On a cold April day in Portland, Oregon, in 2010, Dan McLaughlin putted for two hours. Dan, a commercial photographer, had never played 18 holes of golf in his life. Those two hours on a putting green were the start of an ambitious journey. Dan set out to test Dr. K. Anders Erickson’s 10,000-hour theory. He had 9,998 hours to go.

The 10,000-hour theory proposed by Erickson is this—it takes 10,000 hours of what Erickson called deliberate practice to excel at any skill. Erickson noted, “Elite performers engage in what we call ‘deliberate practice’–an effortful activity designed to improve individual target performance.” He found top practitioners—in any field— needed roughly 10,000 hours of ‘deliberate practice’ to become world-class.

Malcolm Gladwell, Geoff Colvin, and—can you believe it?—Justin Beiber have popularized the 10,000-hour theory.

At 5,100 hours, four years and halfway into the ‘Dan Plan,’ McLaughlin was a 3.3 handicap golfer. Then his back gave out.

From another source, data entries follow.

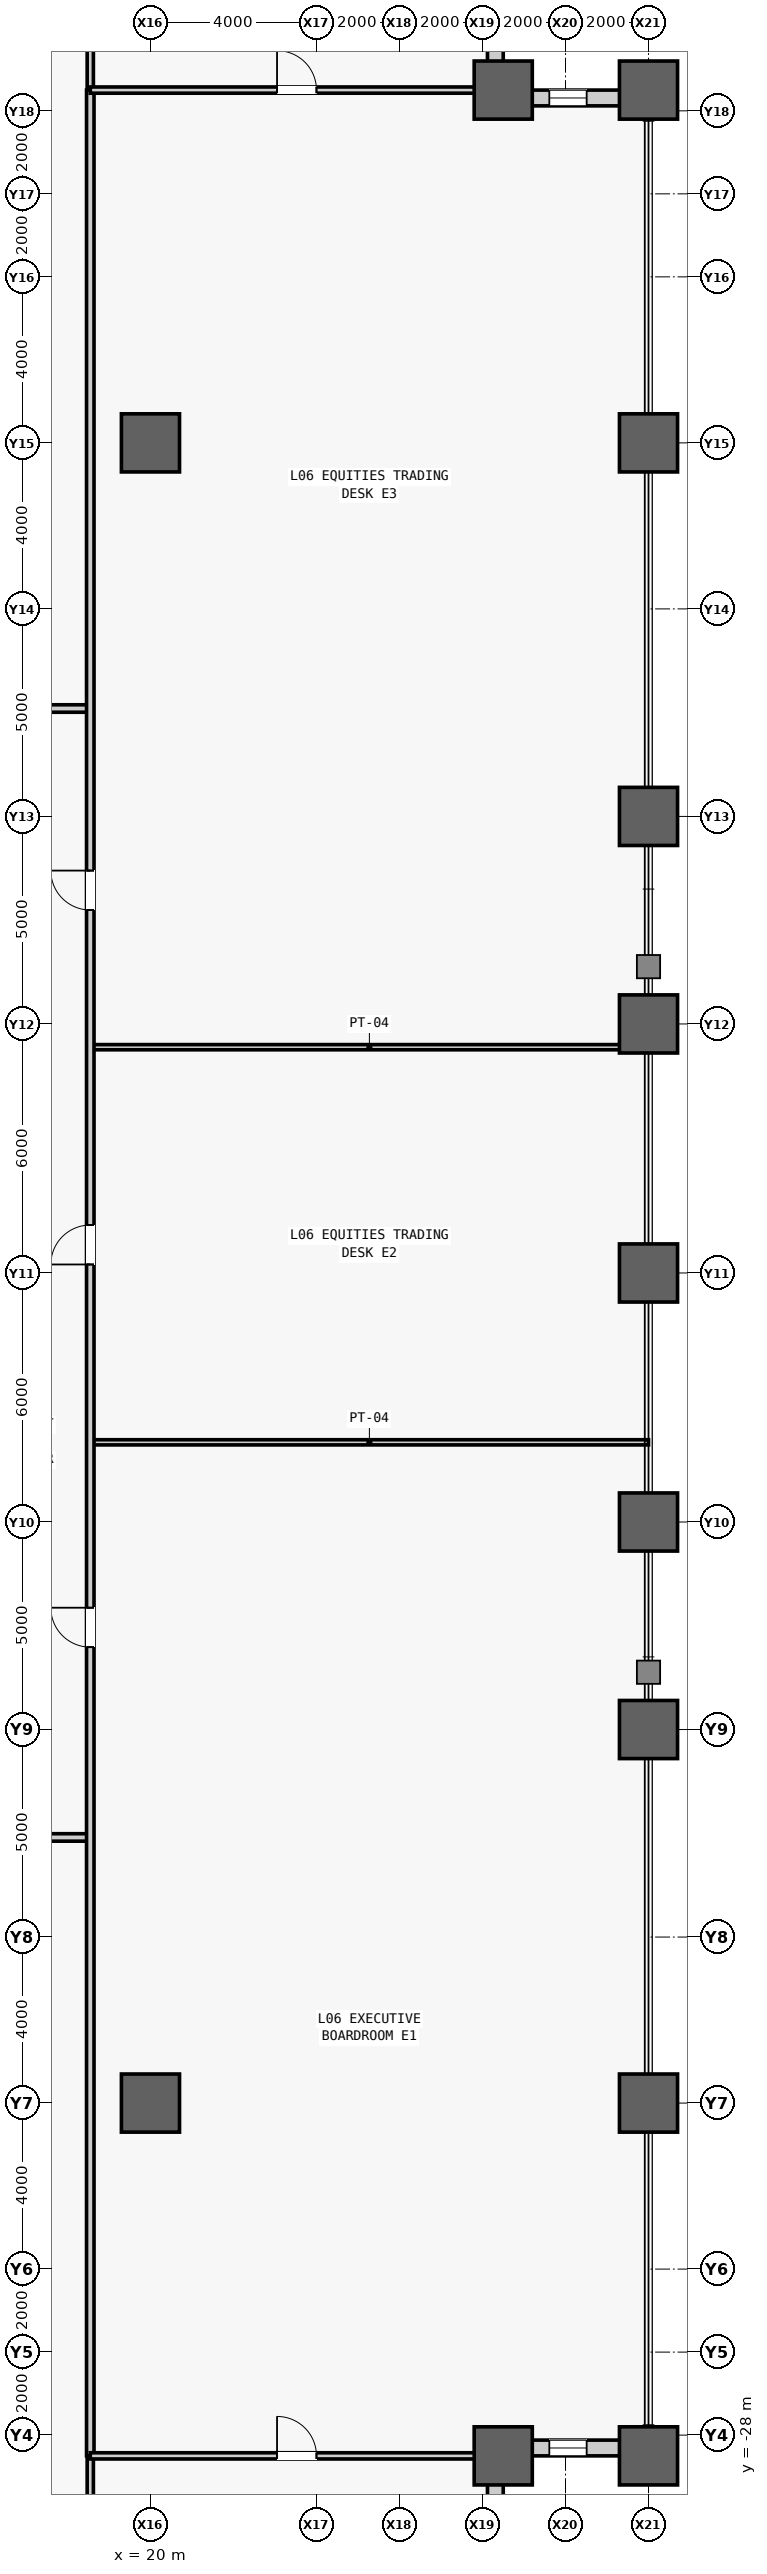
"""IFC4 building model, lengths in metres.
Left out: names, types, materials, properties, quantities, classifications, styles, units other than length and angle.
Written with IfcOpenShell. Run it as: python <this file> out.ifc"""

import sys

from ifc_helpers import new_model, si_unit, direction, frame, frame_2d, origin, origin_2d, place, context, subcontext, project, spatial, rectangle, hollow_rectangle, extrude, source, transform, mapped, element, fill, save


model = new_model("IFC4")
c1 = context("Model", 3, precision=1e-05, world=origin(), true_north=direction((0.0, 1.0)))
c2 = subcontext(c1, "Body", "Model", "MODEL_VIEW")
j1 = project(units=[si_unit("LENGTHUNIT", "METRE"), si_unit("PLANEANGLEUNIT", "RADIAN")], contexts=[c1])
p1 = place(None, origin())
s1 = spatial("IfcSite", under=j1, at=p1, CompositionType="ELEMENT")
p2 = place(p1, origin())
s2 = spatial("IfcBuilding", under=s1, at=p2, CompositionType="ELEMENT")
p3 = place(p2, frame((0.0, 0.0, 32.6)))
s3 = spatial("IfcBuildingStorey", under=s2, at=p3, CompositionType="ELEMENT", Elevation=32.6)
m1 = source(origin(), c2, "Body", "SweptSolid", [
    extrude(hollow_rectangle(XDim=1.4, YDim=1.4, WallThickness=0.075, at=origin_2d()), origin(), (0.0, 0.0, 1.0), 4.2),
])
for number, where, z_axis, x_axis in (
    (1, (20.0, -20.0, 0.0), (0.0, 0.0, 1.0), (1.0, 0.0, 0.0)),
    (2, (20.0, 20.0, 0.0), (0.0, 0.0, 1.0), (1.0, 0.0, 0.0)),
    (3, (28.5, -28.5, 0.0), (0.0, 0.0, 1.0), (1.0, 0.0, 0.0)),
    (4, (28.5, 28.5, 0.0), (0.0, 0.0, 1.0), (1.0, 0.0, 0.0)),
    (5, (32.0, -28.5, 0.0), (0.0, 0.0, 1.0), (1.0, 0.0, 0.0)),
    (6, (32.0, -20.0, 0.0), (0.0, 0.0, 1.0), (1.0, 0.0, 0.0)),
    (7, (32.0, -11.0, 0.0), (0.0, 0.0, 1.0), (1.0, 0.0, 0.0)),
    (8, (32.0, -6.0, 0.0), (0.0, 0.0, 1.0), (1.0, 0.0, 0.0)),
    (9, (32.0, 0.0, 0.0), (0.0, 0.0, 1.0), (1.0, 0.0, 0.0)),
    (10, (32.0, 6.0, 0.0), (0.0, 0.0, 1.0), (1.0, 0.0, 0.0)),
    (11, (32.0, 11.0, 0.0), (0.0, 0.0, 1.0), (1.0, 0.0, 0.0)),
    (12, (32.0, 20.0, 0.0), (0.0, 0.0, 1.0), (1.0, 0.0, 0.0)),
    (13, (32.0, 28.5, 0.0), (0.0, 0.0, 1.0), (1.0, 0.0, 0.0)),
):
    element("IfcColumn", number, at=place(p3, frame(where, z_axis=z_axis, x_axis=x_axis)), inside=s3, PredefinedType="COLUMN", context=c2, shape_type="MappedRepresentation", body=[
        mapped(m1, transform((0.0, 0.0, 0.0), scale=1.0)),
    ])
m2 = source(origin(), c2, "Body", "SweptSolid", [
    extrude(rectangle(XDim=3.12, YDim=0.38, at=frame_2d((1.56, 0.0))), origin(), (0.0, 0.0, 1.0), 3.245),
])
p4 = place(p3, frame((28.31, -31.62, 0.0), z_axis=(0.0, 0.0, 1.0), x_axis=(0.0, 1.0, 0.0)))
e14 = element("IfcWall", 14, at=p4, inside=s3, PredefinedType="STANDARD", context=c2, shape_type="MappedRepresentation", body=[
    mapped(m2, transform((0.0, 0.0, 0.0), scale=1.0)),
])
m3 = source(origin(), c2, "Body", "SweptSolid", [
    extrude(rectangle(XDim=0.9, YDim=2.4, at=frame_2d((0.45, 1.2))), frame((0.0, 0.2, 0.0), z_axis=(0.0, -1.0, 0.0), x_axis=(1.0, 0.0, 0.0)), (0.0, 0.0, 1.0), 0.4),
])
p5 = place(p4, frame((1.11, 0.0, 0.5)))
e15 = element("IfcOpeningElement", 15, at=p5, cuts=e14, PredefinedType="OPENING", context=c2, shape_type="MappedRepresentation", body=[
    mapped(m3, transform((0.0, 0.0, 0.0), scale=1.0)),
])
p6 = place(p3, frame((28.5, -28.31, 0.0), z_axis=(0.0, 0.0, 1.0), x_axis=(1.0, 0.0, 0.0)))
e16 = element("IfcWall", 16, at=p6, inside=s3, PredefinedType="STANDARD", context=c2, shape_type="MappedRepresentation", body=[
    mapped(m2, transform((0.0, 0.0, 0.0), scale=1.0)),
])
p7 = place(p6, frame((1.11, 0.0, 0.5)))
e17 = element("IfcOpeningElement", 17, at=p7, cuts=e16, PredefinedType="OPENING", context=c2, shape_type="MappedRepresentation", body=[
    mapped(m3, transform((0.0, 0.0, 0.0), scale=1.0)),
])
p8 = place(p3, frame((28.5, 28.31, 0.0), z_axis=(0.0, 0.0, 1.0), x_axis=(1.0, 0.0, 0.0)))
e18 = element("IfcWall", 18, at=p8, inside=s3, PredefinedType="STANDARD", context=c2, shape_type="MappedRepresentation", body=[
    mapped(m2, transform((0.0, 0.0, 0.0), scale=1.0)),
])
p9 = place(p8, frame((1.11, 0.0, 0.5)))
e19 = element("IfcOpeningElement", 19, at=p9, cuts=e18, PredefinedType="OPENING", context=c2, shape_type="MappedRepresentation", body=[
    mapped(m3, transform((0.0, 0.0, 0.0), scale=1.0)),
])
p10 = place(p3, frame((28.31, 28.5, 0.0), z_axis=(0.0, 0.0, 1.0), x_axis=(0.0, 1.0, 0.0)))
e20 = element("IfcWall", 20, at=p10, inside=s3, PredefinedType="STANDARD", context=c2, shape_type="MappedRepresentation", body=[
    mapped(m2, transform((0.0, 0.0, 0.0), scale=1.0)),
])
p11 = place(p10, frame((1.11, 0.0, 0.5)))
e21 = element("IfcOpeningElement", 21, at=p11, cuts=e20, PredefinedType="OPENING", context=c2, shape_type="MappedRepresentation", body=[
    mapped(m3, transform((0.0, 0.0, 0.0), scale=1.0)),
])
m4 = source(origin(), c2, "Body", "SweptSolid", [
    extrude(rectangle(XDim=36.25, YDim=0.18, at=frame_2d((18.125, 0.0))), origin(), (0.0, 0.0, 1.0), 3.94),
])
p12 = place(p3, frame((-17.7, -13.6, 0.0), z_axis=(0.0, 0.0, 1.0), x_axis=(1.0, 0.0, 0.0)))
e22 = element("IfcWall", 22, at=p12, inside=s3, PredefinedType="PARTITIONING", context=c2, shape_type="MappedRepresentation", body=[
    mapped(m4, transform((0.0, 0.0, 0.0), scale=1.0)),
])
m5 = source(origin(), c2, "Body", "SweptSolid", [
    extrude(rectangle(XDim=1.05, YDim=2.2, at=frame_2d((0.525, 1.1))), frame((0.0, 0.1, 0.0), z_axis=(0.0, -1.0, 0.0), x_axis=(1.0, 0.0, 0.0)), (0.0, 0.0, 1.0), 0.2),
])
p13 = place(p12, frame((17.175, 0.0, 0.0)))
e23 = element("IfcOpeningElement", 23, at=p13, cuts=e22, PredefinedType="OPENING", context=c2, shape_type="MappedRepresentation", body=[
    mapped(m5, transform((0.0, 0.0, 0.0), scale=1.0)),
])
p14 = place(p3, frame((-17.7, 13.6, 0.0), z_axis=(0.0, 0.0, 1.0), x_axis=(1.0, 0.0, 0.0)))
e24 = element("IfcWall", 24, at=p14, inside=s3, PredefinedType="PARTITIONING", context=c2, shape_type="MappedRepresentation", body=[
    mapped(m4, transform((0.0, 0.0, 0.0), scale=1.0)),
])
p15 = place(p14, frame((5.113, 0.0, 0.0)))
e25 = element("IfcOpeningElement", 25, at=p15, cuts=e24, PredefinedType="OPENING", context=c2, shape_type="MappedRepresentation", body=[
    mapped(m5, transform((0.0, 0.0, 0.0), scale=1.0)),
])
p16 = place(p14, frame((12.525, 0.0, 0.0)))
e26 = element("IfcOpeningElement", 26, at=p16, cuts=e24, PredefinedType="OPENING", context=c2, shape_type="MappedRepresentation", body=[
    mapped(m5, transform((0.0, 0.0, 0.0), scale=1.0)),
])
p17 = place(p14, frame((22.675, 0.0, 0.0)))
e27 = element("IfcOpeningElement", 27, at=p17, cuts=e24, PredefinedType="OPENING", context=c2, shape_type="MappedRepresentation", body=[
    mapped(m5, transform((0.0, 0.0, 0.0), scale=1.0)),
])
p18 = place(p14, frame((29.663, 0.0, 0.0)))
e28 = element("IfcOpeningElement", 28, at=p18, cuts=e24, PredefinedType="OPENING", context=c2, shape_type="MappedRepresentation", body=[
    mapped(m5, transform((0.0, 0.0, 0.0), scale=1.0)),
])
m6 = source(origin(), c2, "Body", "SweptSolid", [
    extrude(rectangle(XDim=3.5, YDim=0.15, at=frame_2d((1.75, 0.0))), origin(), (0.0, 0.0, 1.0), 3.94),
])
for number, where, z_axis, x_axis in (
    (29, (18.55, -32.0, 0.0), (0.0, 0.0, 1.0), (0.0, 1.0, 0.0)),
    (30, (18.55, 28.5, 0.0), (0.0, 0.0, 1.0), (0.0, 1.0, 0.0)),
):
    element("IfcWall", number, at=place(p3, frame(where, z_axis=z_axis, x_axis=x_axis)), inside=s3, PredefinedType="PARTITIONING", context=c2, shape_type="MappedRepresentation", body=[
        mapped(m6, transform((0.0, 0.0, 0.0), scale=1.0)),
    ])
m7 = source(origin(), c2, "Body", "SweptSolid", [
    extrude(rectangle(XDim=13.45, YDim=0.125, at=frame_2d((6.725, 0.0))), origin(), (0.0, 0.0, 1.0), 3.94),
])
for number, where, z_axis, x_axis in (
    (31, (18.55, -4.08, 0.0), (0.0, 0.0, 1.0), (1.0, 0.0, 0.0)),
    (32, (18.55, 5.44, 0.0), (0.0, 0.0, 1.0), (1.0, 0.0, 0.0)),
):
    element("IfcWall", number, at=place(p3, frame(where, z_axis=z_axis, x_axis=x_axis)), inside=s3, PredefinedType="PARTITIONING", context=c2, shape_type="MappedRepresentation", body=[
        mapped(m7, transform((0.0, 0.0, 0.0), scale=1.0)),
    ])
m8 = source(origin(), c2, "Body", "SweptSolid", [
    extrude(rectangle(XDim=57.0, YDim=0.18, at=frame_2d((28.5, 0.0))), origin(), (0.0, 0.0, 1.0), 3.94),
])
p19 = place(p3, frame((18.55, -28.5, 0.0), z_axis=(0.0, 0.0, 1.0), x_axis=(0.0, 1.0, 0.0)))
e33 = element("IfcWall", 33, at=p19, inside=s3, PredefinedType="PARTITIONING", context=c2, shape_type="MappedRepresentation", body=[
    mapped(m8, transform((0.0, 0.0, 0.0), scale=1.0)),
])
m9 = source(origin(), c2, "Body", "SweptSolid", [
    extrude(rectangle(XDim=0.95, YDim=2.15, at=frame_2d((0.475, 1.075))), frame((0.0, 0.1, 0.0), z_axis=(0.0, -1.0, 0.0), x_axis=(1.0, 0.0, 0.0)), (0.0, 0.0, 1.0), 0.2),
])
p20 = place(p19, frame((19.485, 0.0, 0.0)))
e34 = element("IfcOpeningElement", 34, at=p20, cuts=e33, PredefinedType="OPENING", context=c2, shape_type="MappedRepresentation", body=[
    mapped(m9, transform((0.0, 0.0, 0.0), scale=1.0)),
])
p21 = place(p19, frame((28.705, 0.0, 0.0)))
e35 = element("IfcOpeningElement", 35, at=p21, cuts=e33, PredefinedType="OPENING", context=c2, shape_type="MappedRepresentation", body=[
    mapped(m9, transform((0.0, 0.0, 0.0), scale=1.0)),
])
p22 = place(p19, frame((37.245, 0.0, 0.0)))
e36 = element("IfcOpeningElement", 36, at=p22, cuts=e33, PredefinedType="OPENING", context=c2, shape_type="MappedRepresentation", body=[
    mapped(m9, transform((0.0, 0.0, 0.0), scale=1.0)),
])
m10 = source(origin(), c2, "Body", "SweptSolid", [
    extrude(rectangle(XDim=9.95, YDim=0.15, at=frame_2d((4.975, 0.0))), origin(), (0.0, 0.0, 1.0), 3.94),
])
p23 = place(p3, frame((18.55, -28.5, 0.0), z_axis=(0.0, 0.0, 1.0), x_axis=(1.0, 0.0, 0.0)))
e37 = element("IfcWall", 37, at=p23, inside=s3, PredefinedType="PARTITIONING", context=c2, shape_type="MappedRepresentation", body=[
    mapped(m10, transform((0.0, 0.0, 0.0), scale=1.0)),
])
m11 = source(origin(), c2, "Body", "SweptSolid", [
    extrude(rectangle(XDim=0.95, YDim=2.15, at=frame_2d((0.475, 1.075))), frame((0.0, 0.085, 0.0), z_axis=(0.0, -1.0, 0.0), x_axis=(1.0, 0.0, 0.0)), (0.0, 0.0, 1.0), 0.17),
])
p24 = place(p23, frame((4.5, 0.0, 0.0)))
e38 = element("IfcOpeningElement", 38, at=p24, cuts=e37, PredefinedType="OPENING", context=c2, shape_type="MappedRepresentation", body=[
    mapped(m11, transform((0.0, 0.0, 0.0), scale=1.0)),
])
p25 = place(p3, frame((18.55, 28.5, 0.0), z_axis=(0.0, 0.0, 1.0), x_axis=(1.0, 0.0, 0.0)))
e39 = element("IfcWall", 39, at=p25, inside=s3, PredefinedType="PARTITIONING", context=c2, shape_type="MappedRepresentation", body=[
    mapped(m10, transform((0.0, 0.0, 0.0), scale=1.0)),
])
p26 = place(p25, frame((4.5, 0.0, 0.0)))
e40 = element("IfcOpeningElement", 40, at=p26, cuts=e39, PredefinedType="OPENING", context=c2, shape_type="MappedRepresentation", body=[
    mapped(m11, transform((0.0, 0.0, 0.0), scale=1.0)),
])
m12 = source(origin(), c2, "Body", "SweptSolid", [
    extrude(rectangle(XDim=0.9, YDim=2.4, at=frame_2d((0.45, 1.2))), frame((0.0, 0.03, 0.0), z_axis=(0.0, -1.0, 0.0), x_axis=(1.0, 0.0, 0.0)), (0.0, 0.0, 1.0), 0.06),
])
p27 = place(p7, origin())
e41 = element("IfcWindow", 41, at=p27, inside=s3, PartitioningType="SINGLE_PANEL", PredefinedType="WINDOW", context=c2, shape_type="MappedRepresentation", body=[
    mapped(m12, transform((0.0, 0.0, 0.0), scale=1.0)),
])
fill(e17, e41)
p28 = place(p9, origin())
e42 = element("IfcWindow", 42, at=p28, inside=s3, PartitioningType="SINGLE_PANEL", PredefinedType="WINDOW", context=c2, shape_type="MappedRepresentation", body=[
    mapped(m12, transform((0.0, 0.0, 0.0), scale=1.0)),
])
fill(e19, e42)
m13 = source(origin(), c2, "Body", "SweptSolid", [
    extrude(rectangle(XDim=0.95, YDim=2.15, at=frame_2d((0.475, 1.075))), frame((0.0, 0.025, 0.0), z_axis=(0.0, -1.0, 0.0), x_axis=(1.0, 0.0, 0.0)), (0.0, 0.0, 1.0), 0.05),
])
p29 = place(p20, origin())
e43 = element("IfcDoor", 43, at=p29, inside=s3, OperationType="SINGLE_SWING_RIGHT", PredefinedType="DOOR", context=c2, shape_type="MappedRepresentation", body=[
    mapped(m13, transform((0.0, 0.0, 0.0), scale=1.0)),
])
fill(e34, e43)
p30 = place(p21, origin())
e44 = element("IfcDoor", 44, at=p30, inside=s3, OperationType="SINGLE_SWING_LEFT", PredefinedType="DOOR", context=c2, shape_type="MappedRepresentation", body=[
    mapped(m13, transform((0.0, 0.0, 0.0), scale=1.0)),
])
fill(e35, e44)
p31 = place(p22, origin())
e45 = element("IfcDoor", 45, at=p31, inside=s3, OperationType="SINGLE_SWING_RIGHT", PredefinedType="DOOR", context=c2, shape_type="MappedRepresentation", body=[
    mapped(m13, transform((0.0, 0.0, 0.0), scale=1.0)),
])
fill(e36, e45)
p32 = place(p24, origin())
e46 = element("IfcDoor", 46, at=p32, inside=s3, OperationType="SINGLE_SWING_LEFT", PredefinedType="DOOR", context=c2, shape_type="MappedRepresentation", body=[
    mapped(m13, transform((0.0, 0.0, 0.0), scale=1.0)),
])
fill(e38, e46)
p33 = place(p26, origin())
e47 = element("IfcDoor", 47, at=p33, inside=s3, OperationType="SINGLE_SWING_LEFT", PredefinedType="DOOR", context=c2, shape_type="MappedRepresentation", body=[
    mapped(m13, transform((0.0, 0.0, 0.0), scale=1.0)),
])
fill(e40, e47)
save(model, sys.argv[1])

You can get better at anything you do, any skill, with deliberate practice. Obviously, there are limits, as Dan found out. Outside factors: age, opportunities to train, your physicality, dexterity... Perhaps the largest limit is the muscle between your ears — do you have the passion and persistence to get better?

Dan did.

He went from a hacker to a three-handicap golfer in under four years.

If you want, with time and deliberate practice, you can improve at anything, whether it’s cooking or critical thinking, lacrosse or leadership, dancing, or data visualization.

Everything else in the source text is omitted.